The Ringer's Danny Chau believes that Jimmy Butler is to the Boston Celtics in the 2020s what LeBron James was to the Toronto Raptors during the latter half of the 2010s.
"For what felt like a decade (yet somehow much shorter), the Toronto Raptors were terrorized by LeBron James in the postseason despite incrementally improving their regular-season lot, year after year," Chau prefaced before saying, "Trades for Kawhi Leonard and Marc Gasol created a new energy in the city, but for most, you didn’t believe they could win a title until they did in 2019. If the Celtics have their own LeBronto to deal with, it’s the haunting, jeering smirk of Jimmy Butler, whose (under)dogged presence affirms the idea of these Celtics as fragile front-runners."
Of course, that comparison is stopped dead in its tracks when you realize that the Raptors never did overcome James' Cleveland Cavaliers in the playoffs, whereas Butler's Miami Heat were sent home during the 2022 postseason by the Cs in the Eastern Conference Finals.
But what sort of objective coverage were you expecting in an article titled "Oh God. Is This the Boston Celtics’ Year?"

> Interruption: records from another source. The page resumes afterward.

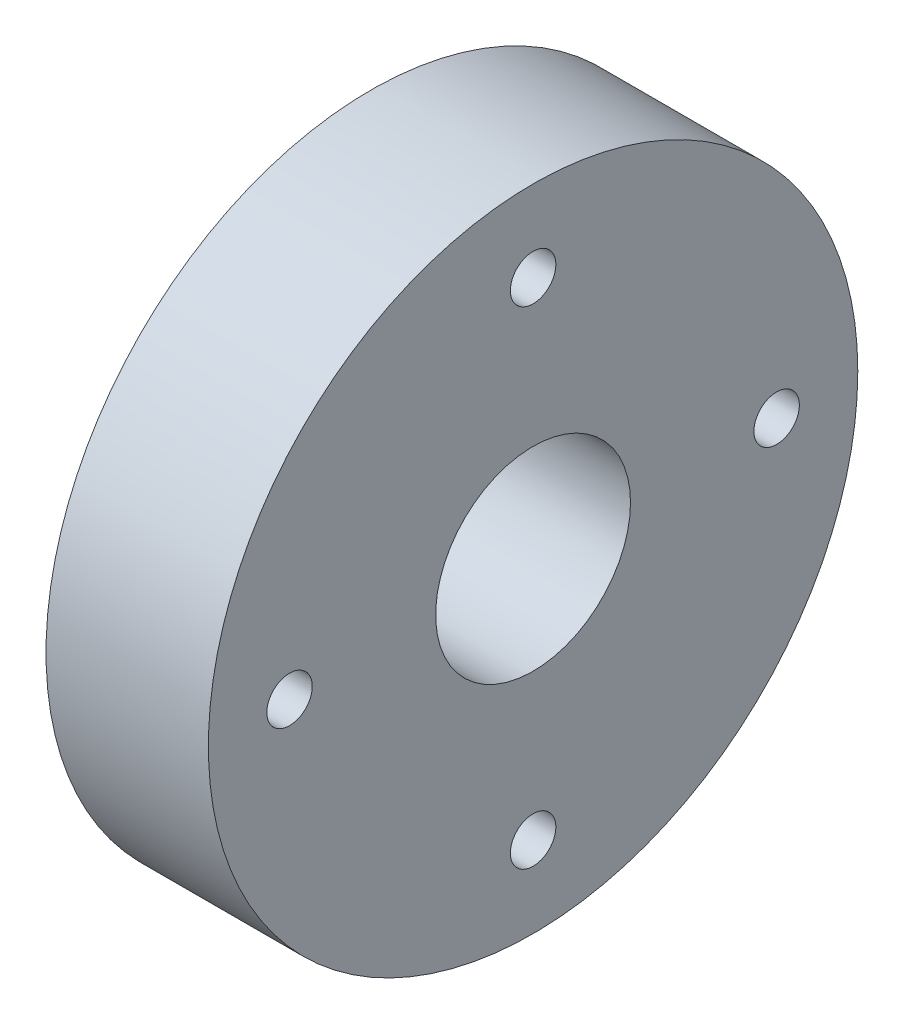
from build123d import *

# Parameters (mm, degrees)
SKETCH1_W          = 50
SKETCH1_H          = 70
M16_TAPPED_HOLE1_D = 14
CIRPATTERN1_COUNT  = 4


with BuildPart() as part:
    # Sketch1 → Revolve1 (revolve)
    with BuildSketch(Plane.XY, mode=Mode.PRIVATE) as revolve1_sk:
        with Locations((0, 65)):
            Rectangle(SKETCH1_W, SKETCH1_H)
    revolve(revolve1_sk.sketch.rotate(Axis((71.901236476, 0, 0), (-1, 0, 0)), 90), axis=Axis((71.901236476, 0, 0), (-1, 0, 0)))

    # M16 Tapped Hole1 (through all)
    with Locations(Plane(origin=(-25, 0, -75), x_dir=(0, 0, -1), z_dir=(-1, 0, 0))):
        with Locations((0, 0)):
            m16_tapped_hole1 = Hole(M16_TAPPED_HOLE1_D / 2)

    # CirPattern1: M16 Tapped Hole1 ×4 about axis
    cirpattern1_axis = Axis((0, 0, 0), (1, 0, 0))
    for i in range(1, CIRPATTERN1_COUNT):
        add(m16_tapped_hole1.rotate(cirpattern1_axis, i * 360 / CIRPATTERN1_COUNT), mode=Mode.SUBTRACT)


solid = part.part

Current Boston Celtics don't have a 'LeBronto' holding them back
Chau evoking the Raptors works against his point. Toronto broke through during a season in which LeBron was in the west and essentially a whole new lineup was acquired by Raptors president Masai Ujiri and deployed by first-year head coach Nick Nurse.
This current Celtics team, featuring Kristaps Porzingis and Jrue Holiday and coached by Joe Mazzulla, is not the team that lost in the NBA's Orlando postseason bubble to Butler and Co. in 2020. Nor were they the team that actually beat the Heat in 2022.
There's no "LeBronto" holding the current team back, because nothing has proved capable of holding this team back.